魔族の脅威とデコピン

「ふふふ、どうだい? レウル。

 目隠しをしている僕に攻撃を一回も当てられなかった感想は」


 先程の模擬戦が終わり、疲れて地面に寝そべっている俺に視線を向けた後。

 ラグニスは薄く笑うと俺に感想を訊いてきた。


「……ちょっと、ショックでした」


 俺は正直な感想をラグニスへ唇を尖らせながら伝えると、ラグニスは大きな笑い声をあげた。


「父様!」


「ふふふふふふ、ご、ごめんねレウル。

 く、わ、悪気があった訳じゃないんだ、くくく」


 俺は笑い出したラグニスへ大声で叫んだが、ラグニスは笑い声をあげ続けるだけだった。


「と~お~さ~ま~」


「くくく、もう笑うのは止めにするから怒らないでよ」


 俺が笑い続けるラグニスへ恨みがましい視線を向けると、漸くラグニスは笑うのを止めて真剣な表情になった。


「さて、レウル。

 先程、体験して分かったと思うけど、五感強化と魔力感知は相手の動きを読むことに特化した技術なんだ。

 質問だけど……なんでこんな技術が出来たと思う?」


 そこまで説明したところで、ラグニスは俺にそう質問してきた。

 俺は数瞬考え込んだ後。


「……不意討ちに対応するためですかね? 流石に常時闘気を纏っている訳にはいきませんから」


 と、ラグニスの質問に返答した。

 ラグニスは俺の返事に「半分正解かな?」と、呟きながら俺の頭を撫でた。


「半分、ですか? それではもう半分は何でしょうか?」


「あぁ、それはね……」


 俺がそう質問すると、ラグニスは頭を撫でるの一旦止めて俺から距離を取ると。

 ――一瞬で姿を消した。


「なっ?!」


「これがもう半分の答えだよ、レウル」


 俺は後ろからラグニスの消えたラグニスの声が聴こえ、慌てて振り向いた。

 すると、そこには何時の間にかラグニスが立っていた。

 そのままラグニスは俺の目の前に右手を差し出さすと、


 ――ビシッ!


 強烈なデコピンを放った。

 俺は額に強烈な痛みを感じながら意識を失った。








 数分後、俺はデコピンされた額を手でさすりながらラグニスを睨み付けていた。


「……ぃ、痛ッ〜〜、何をするんですか! 師匠!!」


  俺は急に額をデコピンしたラグニスに対して額を撫でながら叫んだ。


「ごめんごめん、ちょっと痛かったね。

 ――だけど、魔力感知まりょくかんち五感強化ごかんきょうかの重要性を知ってほしかったんだ」


「魔力感知と五感強化の重要性、ですか?」

 

 俺はラグニスの言った”魔力感知と五感強化の重要性”という単語を聞き取ると首を傾げた。

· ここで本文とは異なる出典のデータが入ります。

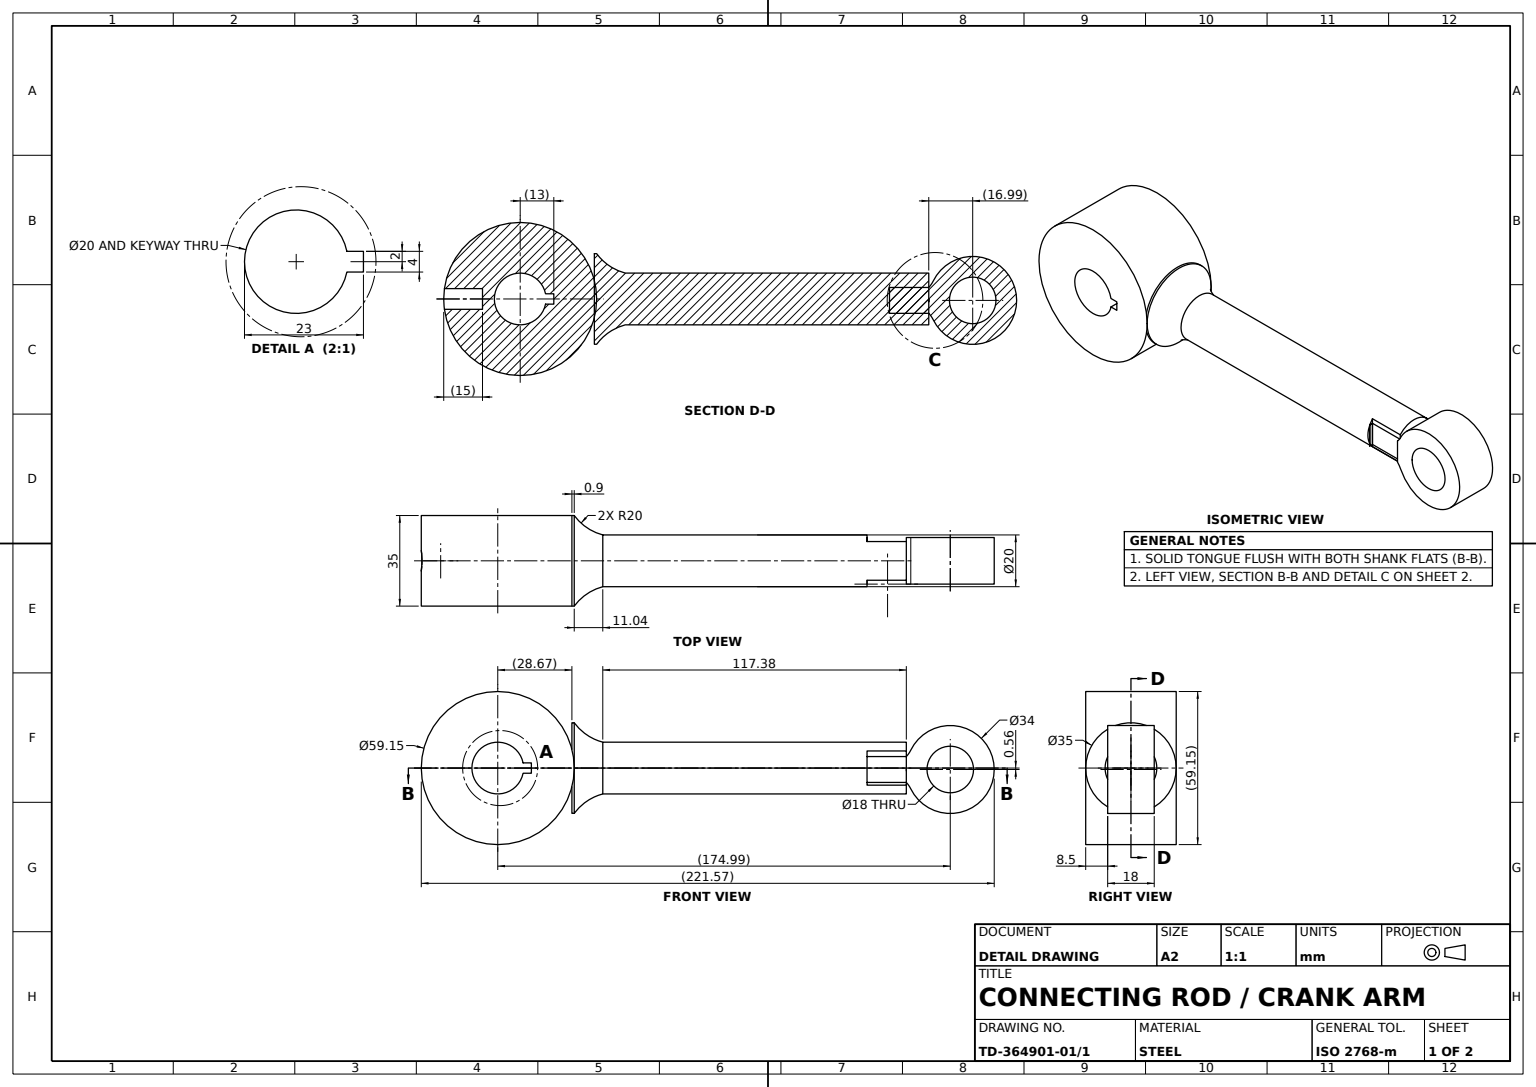
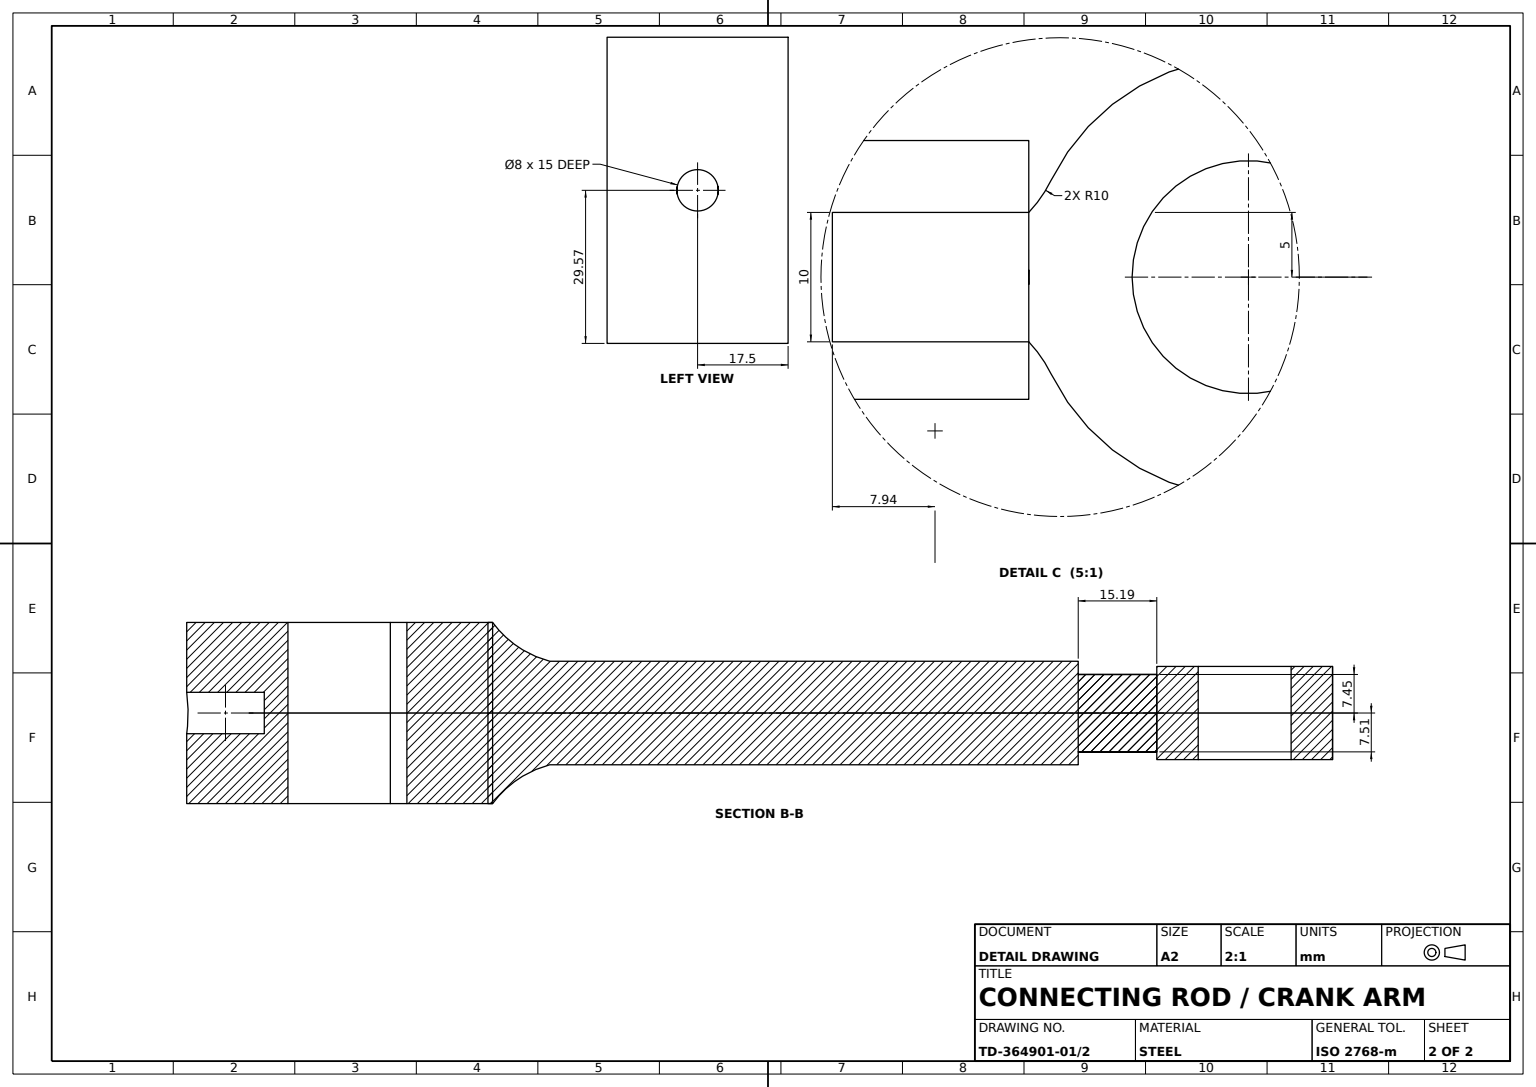
from build123d import *

# Parameters (mm, degrees)
ROD_SHANK_PROFILE_W           = 117.383003688
ROD_SHANK_PROFILE_H           = 10
BIG_END_EYE_PROFILE_R         = 29.574575968
BIG_END_EYE_DEPTH             = 17.5
SMALL_END_EYE_DEPTH           = 9
SMALL_END_FLAT_CUT_DEPTH      = 190.138912872
SMALL_END_FLAT_CUT_DEPTH_BACK = 190.138912872
SMALL_END_FLAT_PROFILE_W      = 15.191641878
SMALL_END_FLAT_PROFILE_H      = 5.882566039
SMALL_END_FLAT_PROFILE_H_2    = 8.578742141
BIG_END_HUB_PROFILE_W         = 15
BIG_END_HUB_PROFILE_H         = 4
BIG_END_KEYWAY_PROFILE_R      = 4
BIG_END_KEYWAY_CUT_DEPTH      = 15


with BuildPart() as part:
    # Rod Shank Profile → Rod Shank (revolve)
    with BuildSketch(Plane.XY, mode=Mode.PRIVATE) as rod_shank_sk:
        with Locations((93.308498156, 5)):
            Rectangle(ROD_SHANK_PROFILE_W, ROD_SHANK_PROFILE_H)
    revolve(rod_shank_sk.sketch.rotate(Axis((0, 0, 0), (1, 0, 0)), 90), axis=Axis((0, 0, 0), (1, 0, 0)))

    # Big End Neck Profile → Big End Neck (revolve)
    with BuildSketch(Plane(origin=(0, 0, 0), x_dir=(1, 0, 0), z_dir=(0, 1, 0))):
        with BuildLine():
            Line((34.616996312, 10), (34.616996312, 0))
            Line((34.616996312, 0), (23.574575968, 0))
            Line((23.574575968, 0), (22.673236665, 0))
            Line((22.673236665, 0), (22.673236665, 17.5))
            Line((22.673236665, 17.5), (23.574575968, 17.5))
            ThreePointArc((23.574575968, 17.5), (28.451606539, 12.801559743), (34.616996312, 10))
        make_face()
    revolve(axis=Axis((34.616996312, 0, 0), (-1, 0, 0)))


with BuildPart() as body_2:
    # Big End Eye Profile → Big End Eye (new, symmetric)
    with BuildSketch(Plane.XY):
        with Locations((-6, 0)):
            Circle(BIG_END_EYE_PROFILE_R)
        with BuildLine():
            ThreePointArc((3.797958971, 2), (-16, 0), (3.797958971, -2))
            Line((3.797958971, -2), (7, -2))
            Line((7, -2), (7, 2))
            Line((7, 2), (3.797958971, 2))
        make_face(mode=Mode.SUBTRACT)
    extrude(amount=BIG_END_EYE_DEPTH, both=True)

    # Big End Hub Profile → Big End Hub (revolve)
    with BuildSketch(Plane(origin=(0, 0, 0), x_dir=(1, 0, 0), z_dir=(0, 1, 0))):
        with Locations((-28.074575968, 2)):
            Rectangle(BIG_END_HUB_PROFILE_W, BIG_END_HUB_PROFILE_H)
    revolve(axis=Axis((-35.574575968, 0, 0), (1, 0, 0)))

    # Big End Keyway Profile → Big End Keyway Cut (cut)
    with BuildSketch(Plane.ZY.offset(35.574575968)):
        Circle(BIG_END_KEYWAY_PROFILE_R)
    extrude(amount=-BIG_END_KEYWAY_CUT_DEPTH, mode=Mode.SUBTRACT)


with BuildPart() as body_3:
    # Small End Eye Profile → Small End Eye (new, symmetric)
    # profile 1 of 2: a face of its own
    with BuildSketch(Plane.XY):
        with BuildLine():
            Line((152, -1.111021517), (152, -5.555510758))
            ThreePointArc((152, -5.555510758), (152.957579332, -6.731309244), (153.726364566, -8.038378301))
            ThreePointArc((153.726364566, -8.038378301), (185.990921335, -0.555510758), (153.726364566, 6.927356785))
            ThreePointArc((153.726364566, 6.927356785), (152.957579332, 5.620287727), (152, 4.444489242))
            Line((152, 4.444489242), (152, 0))
            Line((152, 0), (152, -1.111021517))
        make_face()
        with BuildLine():
            ThreePointArc((161.507606561, -5.555510758), (166.378435254, 8.056975322), (177.990921335, -0.555510758))
            ThreePointArc((177.990921335, -0.555510758), (171.603407415, -9.167996839), (161.507606561, -5.555510758))
        make_face(mode=Mode.SUBTRACT)
    # profile 2 of 2: a face of its own
    with BuildSketch(Plane.XY):
        with BuildLine():
            Line((136.808163002, -5.555510758), (152, -5.555510758))
            Line((152, -5.555510758), (152, -1.111021517))
            ThreePointArc((152, -1.111021517), (151.990921335, -0.555510758), (152, 0))
            Line((152, 0), (152, 4.444489242))
            Line((152, 4.444489242), (136.808163002, 4.444489242))
            Line((136.808163002, 4.444489242), (136.808163002, -5.555510758))
        make_face()
    extrude(amount=SMALL_END_EYE_DEPTH, both=True)


with BuildPart() as small_end_flat_cut_tool:
    # Small End Flat Profile → Small End Flat Cut (new, two sides: drawn at the far end of the back side and taken through both)
    with BuildSketch(Plane(origin=(0, 0, 0), x_dir=(1, 0, 0), z_dir=(0, 1, 0)).offset(-SMALL_END_FLAT_CUT_DEPTH_BACK)):
        with Locations((144.404179061, -10.446972753)):
            Rectangle(SMALL_END_FLAT_PROFILE_W, SMALL_END_FLAT_PROFILE_H)
        with Locations((144.404179061, 11.735203356)):
            Rectangle(SMALL_END_FLAT_PROFILE_W, SMALL_END_FLAT_PROFILE_H_2)
    extrude(amount=SMALL_END_FLAT_CUT_DEPTH + SMALL_END_FLAT_CUT_DEPTH_BACK)


with BuildPart() as part_1:
    add(part.part)

    # Small End Flat Cut: cut by small_end_flat_cut_tool
    add(small_end_flat_cut_tool.part, mode=Mode.SUBTRACT)


with BuildPart() as body_3_1:
    add(body_3.part)

    # Small End Flat Cut: cut by small_end_flat_cut_tool
    add(small_end_flat_cut_tool.part, mode=Mode.SUBTRACT)


solid = Compound([body_2.part, part_1.part, body_3_1.part])

 ラグニスはそんな俺の様子に苦笑した後、赤く腫れた額を優しく撫でた。


「そうだよ、レウルは昨日の夜に魔族の話をしたのは覚えているかい?」


「……はい、覚えています」


 俺が”魔族”という単語に眉を潜めながら返事をすると、ラグニスは「よく覚えていたね……偉いよ、レウル」と、苦笑しながら頷いた。


「君は先程、この二つの技術が出来た理由を“不意討ちに対応するため"と、答えたね。

 その答えは正解だけど、もう半分――魔族という存在が足りていないんだ」

 

「”魔族”、ですか……」


 俺はラグニスに”魔族”の存在が足りないと言われ、手を口に当てて考え込んだ。

 そして、先程ラグニスが急に消えたのを思い出し、そこに魔族という存在を加えた結果。

 恐ろしい可能性に気が付き「あっ」と、声をあげた。


「その様子だとレウルもある程度見当がついたようだね」


「………………はい」


 ラグニスが俺を見ながらニヤニヤ笑っているのが目に入り、俺は自分の考えが正しかったのを悟って表情を険しくした。

 ラグニスはそんな俺の様子に満足したように笑った後、俺の頭を撫でながら微笑んだ。

 

「それではレウルも分かったようだし答えあわせをしようか。

 レウルの考えている通り、先程見せた一瞬で消える技術――加速ブーストは”全ての魔族が使えるんだ”、僕達人間が歩くのと同じようにね」


「ッ!? ……そう、ですか」


 ラグニスから当たってほしくなかった予想が的中していると伝えられ、俺の実力では魔族の攻撃に反応することすら出来ない理解し、苦々しい思いを抱きながら返事をした。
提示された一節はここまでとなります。